Ja nee is klar . . |supergri

Die essen nur Rakfisk.


----------



## Jose (13. September 2010)

*AW: Krake essbar?*



havelhai schrieb:


> Nachdem ich dieses Jahr in Norwegen besonders viele Oktopusse, teilweise ordentliche Brocken,  am Haken hatte, ergibt sich die Frage. ob man was Essbares daraus machen kann. Mein norwegischer Gastgeber sgate jedenfalls entrüstet: "Norweger essen sowas nicht":q



die spinnen, die norweger.

tausend leckere rezepte im netz, besonders südländische


----------



## Jose (13. September 2010)

*AW: Krake essbar?*

zarter? hab keinen unterschied festgestellt, wohl sehr subjektiv, kleine machen aber mehr arbeit und den salat weniger 'schön'.

"und dann", sagt der oktopus, "nennt mich polvo, povo, pulpo, octopus, bloß nicht POLYP!"

er hats mir erklärt, er meint, in D hätte man polypen nicht so gerne, in der nase nicht und somit erst recht nicht auf dem teller. ist schon komisch, der oktopus. (nachher ist der noch kriminell und mag daher "polyp" nicht. wunder oh wunder...)

nebenbei, das rezept ist schon sehr präzise DAS grundrezept

pp: man kann die  auch gut einfrieren und an arme Joses fern von zuhause als sehr gute tat verschenken...[ bettelscherz!]


----------



## Florian1980 (13. September 2010)

*AW: Krake essbar?*

Ist es denn wirklich so schwierig, die Viecher tot zu bekommen? Man hört immer so geschichten vom auf den Boden schlagen... Ich mag die Tiere, weil sie beim Angeln in Spanien immer mal auf Besuch an Land kamen um aus kleinen Tümpeln zu naschen und weil sie beim Schnorcheln sehr zutraulich sind und einem ausgestreckten Finger auch mal 2 oder 3 Arme entgegenstrecken und sich ganz sanft um den Finger wickeln. 
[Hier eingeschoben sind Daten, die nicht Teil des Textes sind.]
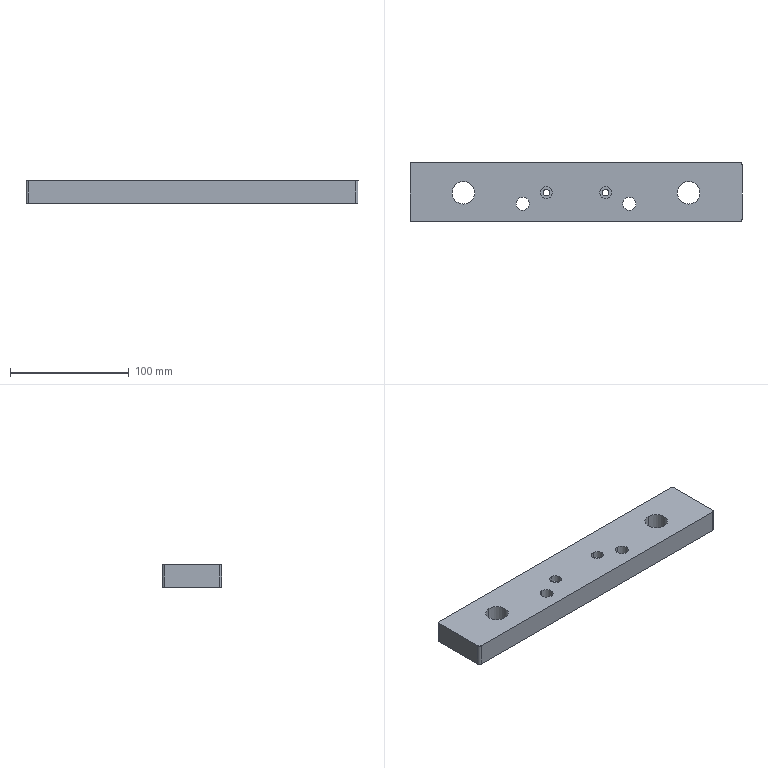Component | SolidWorks | 2SZT-2-001-3 | 1 solid | 33 faces | box 280 x 50 x 19.01 mm | volume 247242 mm3 | cylinder 20 | plane 13 | commonest cylinder face diameters 11 x4 10 x4 5.5 x4 19.02 x4 4 x4
build123d program:
from build123d import *

# Parameters (mm, degrees)
SKETCH1_W                                            = 280
SKETCH1_H                                            = 50
BOSS_EXTRUDE1_DEPTH                                  = 19
FILLET1_R                                            = 2
FILLET2_R                                            = 2
FILLET3_R                                            = 2
FILLET4_R                                            = 2
SKETCH11_W                                           = 62
SKETCH11_H                                           = 23
CUT_EXTRUDE2_DEPTH                                   = 2
F_10_0_10_DIAMETER_HOLE1_D                           = 19.02
F_10_0_10_DIAMETER_HOLE1_DEPTH                       = 70
F_10_0_10_DIAMETER_HOLE1_TIP                         = 5.714
HOLE_SIZE_ACCORDING_TO_THE_TYPE_OF_HEXAG_D           = 5.5
HOLE_SIZE_ACCORDING_TO_THE_TYPE_OF_HEXAG_CBORE_D     = 10
HOLE_SIZE_ACCORDING_TO_THE_TYPE_OF_HEXAG_CBORE_DEPTH = 5.7
F_11_0_11_DIAMETER_HOLE1_D                           = 11
F_11_0_11_DIAMETER_HOLE1_DEPTH                       = 20
F_11_0_11_DIAMETER_HOLE1_TIP                         = 3.305


with BuildPart() as part:
    # Sketch1 → Boss-Extrude1 (new body)
    with BuildSketch(Plane(origin=(0, 117.1, 0), x_dir=(-1, 0, 0), z_dir=(0, 1, 0))):
        with Locations((89.2, -92.53)):
            Rectangle(SKETCH1_W, SKETCH1_H)
    extrude(amount=-BOSS_EXTRUDE1_DEPTH)

    # Fillet1
    fillet1_edges = [part.edges().sort_by_distance(p)[0] for p in [
        (-229.2, 107.6, -67.53),
    ]]
    fillet(fillet1_edges, radius=FILLET1_R)

    # Fillet2
    fillet2_edges = [part.edges().sort_by_distance(p)[0] for p in [
        (-229.2, 107.6, -117.53),
    ]]
    fillet(fillet2_edges, radius=FILLET2_R)

    # Fillet3
    fillet3_edges = [part.edges().sort_by_distance(p)[0] for p in [
        (50.8, 107.6, -67.53),
    ]]
    fillet(fillet3_edges, radius=FILLET3_R)

    # Fillet4
    fillet4_edges = [part.edges().sort_by_distance(p)[0] for p in [
        (50.8, 107.6, -117.53),
    ]]
    fillet(fillet4_edges, radius=FILLET4_R)

    # Sketch11 → Cut-Extrude2 (cut)
    with BuildSketch(Plane(origin=(0, 117.1, 0), x_dir=(-1, 0, 0), z_dir=(0, 1, 0))):
        with Locations((89.2, -93.03)):
            Rectangle(SKETCH11_W, SKETCH11_H)
    extrude(amount=-CUT_EXTRUDE2_DEPTH, mode=Mode.SUBTRACT)

    # 10.0 _10_ Diameter Hole1
    with Locations(Plane.XZ.offset(-98.1)):
        with Locations((-184.2, -93.238), (5.8, -93.238)):
            Hole(F_10_0_10_DIAMETER_HOLE1_D / 2, depth=F_10_0_10_DIAMETER_HOLE1_DEPTH)
            with Locations((0, 0, -(F_10_0_10_DIAMETER_HOLE1_DEPTH + F_10_0_10_DIAMETER_HOLE1_TIP / 2))):  # 118° drill point
                Cone(0, F_10_0_10_DIAMETER_HOLE1_D / 2, F_10_0_10_DIAMETER_HOLE1_TIP, mode=Mode.SUBTRACT)

    # Hole Size according to the type of hexag (through all)
    with Locations(Plane.XZ.offset(-98.1)):
        with Locations((-114.2, -93.03), (-64.2, -93.03)):
            CounterBoreHole(HOLE_SIZE_ACCORDING_TO_THE_TYPE_OF_HEXAG_D / 2, HOLE_SIZE_ACCORDING_TO_THE_TYPE_OF_HEXAG_CBORE_D / 2, HOLE_SIZE_ACCORDING_TO_THE_TYPE_OF_HEXAG_CBORE_DEPTH)

    # 11.0 _11_ Diameter Hole1
    with Locations(Plane(origin=(0, 117.1, 0), x_dir=(1, 0, 0), z_dir=(0, 1, 0))):
        with Locations((-134.2, 102.43), (-44.2, 102.43)):
            Hole(F_11_0_11_DIAMETER_HOLE1_D / 2, depth=F_11_0_11_DIAMETER_HOLE1_DEPTH)
            with Locations((0, 0, -(F_11_0_11_DIAMETER_HOLE1_DEPTH + F_11_0_11_DIAMETER_HOLE1_TIP / 2))):  # 118° drill point
                Cone(0, F_11_0_11_DIAMETER_HOLE1_D / 2, F_11_0_11_DIAMETER_HOLE1_TIP, mode=Mode.SUBTRACT)


solid = part.part

# Placed as in the assembly
solid = solid.moved(Location((1044.465, 477.623, -197.096), (-90, 0, 0)))
STEP:
#1=CARTESIAN_POINT('',(35.837,14.555,-11.622));
#2=VERTEX_POINT('',#1);
#3=CARTESIAN_POINT('',(35.837,14.988,-11.622));
#4=VERTEX_POINT('',#3);
#5=CARTESIAN_POINT('',(35.837,14.771,-11.622));
#6=DIRECTION('',(-0.00002551,-0.,-1.));
#7=DIRECTION('',(0.,1.,0.));
#8=AXIS2_PLACEMENT_3D('',#5,#6,#7);
#9=CIRCLE('',#8,0.2165);
#10=EDGE_CURVE('',#2,#4,#9,.T.);
#11=ORIENTED_EDGE('',*,*,#10,.F.);
#12=CARTESIAN_POINT('',(35.837,14.555,-12.37));
#13=VERTEX_POINT('',#12);
#14=CARTESIAN_POINT('',(35.837,14.555,-12.37));
#15=DIRECTION('',(-0.00002551,-0.,-1.));
#16=VECTOR('',#15,39.37);
#17=LINE('',#14,#16);
#18=EDGE_CURVE('',#2,#13,#17,.T.);
#19=ORIENTED_EDGE('',*,*,#18,.T.);
#20=CARTESIAN_POINT('',(35.837,14.988,-12.37));
#21=VERTEX_POINT('',#20);
#22=CARTESIAN_POINT('',(35.837,14.771,-12.37));
#23=DIRECTION('',(-0.00002551,-0.,-1.));
#24=DIRECTION('',(0.,1.,0.));
#25=AXIS2_PLACEMENT_3D('',#22,#23,#24);
#26=CIRCLE('',#25,0.2165);
#27=EDGE_CURVE('',#13,#21,#26,.T.);
#28=ORIENTED_EDGE('',*,*,#27,.T.);
#29=CARTESIAN_POINT('',(35.837,14.988,-12.37));
#30=DIRECTION('',(-0.00002551,-0.,-1.));
#31=VECTOR('',#30,39.37);
#32=LINE('',#29,#31);
#33=EDGE_CURVE('',#4,#21,#32,.T.);
#34=ORIENTED_EDGE('',*,*,#33,.F.);
#35=EDGE_LOOP('',(#11,#19,#28,#34));
#36=FACE_OUTER_BOUND('',#35,.T.);
#37=CARTESIAN_POINT('',(35.837,14.771,-12.37));
#38=DIRECTION('',(-0.00002551,-0.,-1.));
#39=DIRECTION('',(0.,1.,0.));
#40=AXIS2_PLACEMENT_3D('',#37,#38,#39);
#41=CYLINDRICAL_SURFACE('',#40,0.2165);
#42=ADVANCED_FACE('',(#36),#41,.F.);
#43=CARTESIAN_POINT('',(39.381,14.555,-11.622));
#44=VERTEX_POINT('',#43);
#45=CARTESIAN_POINT('',(39.381,14.988,-11.622));
#46=VERTEX_POINT('',#45);
#47=CARTESIAN_POINT('',(39.381,14.771,-11.622));
#48=DIRECTION('',(-0.00002551,-0.,-1.));
#49=DIRECTION('',(0.,1.,0.));
#50=AXIS2_PLACEMENT_3D('',#47,#48,#49);
#51=CIRCLE('',#50,0.2165);
#52=EDGE_CURVE('',#44,#46,#51,.T.);
#53=ORIENTED_EDGE('',*,*,#52,.F.);
#54=CARTESIAN_POINT('',(39.381,14.555,-12.37));
#55=VERTEX_POINT('',#54);
#56=CARTESIAN_POINT('',(39.381,14.555,-12.37));
#57=DIRECTION('',(-0.00002551,-0.,-1.));
#58=VECTOR('',#57,39.37);
#59=LINE('',#56,#58);
#60=EDGE_CURVE('',#44,#55,#59,.T.);
#61=ORIENTED_EDGE('',*,*,#60,.T.);
#62=CARTESIAN_POINT('',(39.381,14.988,-12.37));
#63=VERTEX_POINT('',#62);
#64=CARTESIAN_POINT('',(39.381,14.771,-12.37));
#65=DIRECTION('',(-0.00002551,-0.,-1.));
#66=DIRECTION('',(0.,1.,0.));
#67=AXIS2_PLACEMENT_3D('',#64,#65,#66);
#68=CIRCLE('',#67,0.2165);
#69=EDGE_CURVE('',#55,#63,#68,.T.);
#70=ORIENTED_EDGE('',*,*,#69,.T.);
#71=CARTESIAN_POINT('',(39.381,14.988,-12.37));
#72=DIRECTION('',(-0.00002551,-0.,-1.));
#73=VECTOR('',#72,39.37);
#74=LINE('',#71,#73);
#75=EDGE_CURVE('',#46,#63,#74,.T.);
#76=ORIENTED_EDGE('',*,*,#75,.F.);
#77=EDGE_LOOP('',(#53,#61,#70,#76));
#78=FACE_OUTER_BOUND('',#77,.T.);
#79=CARTESIAN_POINT('',(39.381,14.771,-12.37));
#80=DIRECTION('',(-0.00002551,-0.,-1.));
#81=DIRECTION('',(0.,1.,0.));
#82=AXIS2_PLACEMENT_3D('',#79,#80,#81);
#83=CYLINDRICAL_SURFACE('',#82,0.2165);
#84=ADVANCED_FACE('',(#78),#83,.F.);
#85=CARTESIAN_POINT('',(36.625,15.338,-11.846));
#86=VERTEX_POINT('',#85);
#87=CARTESIAN_POINT('',(36.625,14.945,-11.846));
#88=VERTEX_POINT('',#87);
#89=CARTESIAN_POINT('',(36.625,15.141,-11.846));
#90=DIRECTION('',(0.00002551,0.,1.));
#91=DIRECTION('',(0.,-1.,0.));
#92=AXIS2_PLACEMENT_3D('',#89,#90,#91);
#93=CIRCLE('',#92,0.1969);
#94=EDGE_CURVE('',#86,#88,#93,.T.);
#95=ORIENTED_EDGE('',*,*,#94,.F.);
#96=CARTESIAN_POINT('',(36.625,15.338,-11.622));
#97=VERTEX_POINT('',#96);
#98=CARTESIAN_POINT('',(36.625,15.338,-11.622));
#99=DIRECTION('',(0.00002551,0.,1.));
#100=VECTOR('',#99,39.37);
#101=LINE('',#98,#100);
#102=EDGE_CURVE('',#86,#97,#101,.T.);
#103=ORIENTED_EDGE('',*,*,#102,.T.);
#104=CARTESIAN_POINT('',(36.625,14.945,-11.622));
#105=VERTEX_POINT('',#104);
#106=CARTESIAN_POINT('',(36.625,15.141,-11.622));
#107=DIRECTION('',(0.00002551,0.,1.));
#108=DIRECTION('',(0.,-1.,0.));
#109=AXIS2_PLACEMENT_3D('',#106,#107,#108);
#110=CIRCLE('',#109,0.1969);
#111=EDGE_CURVE('',#97,#105,#110,.T.);
#112=ORIENTED_EDGE('',*,*,#111,.T.);
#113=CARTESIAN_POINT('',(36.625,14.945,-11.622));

Aber ich mag sie auch als Salat, im Risotto, vom Grill und auch gern mal einfach in Streifen geschnitten, in Mehl gewendet und frittiert:vik:


----------



## kati48268 (14. September 2010)

*AW: Krake essbar?*



Jose schrieb:


> "und dann", sagt der oktopus, "nennt mich polvo, povo, pulpo, octopus, bloß nicht POLYP!"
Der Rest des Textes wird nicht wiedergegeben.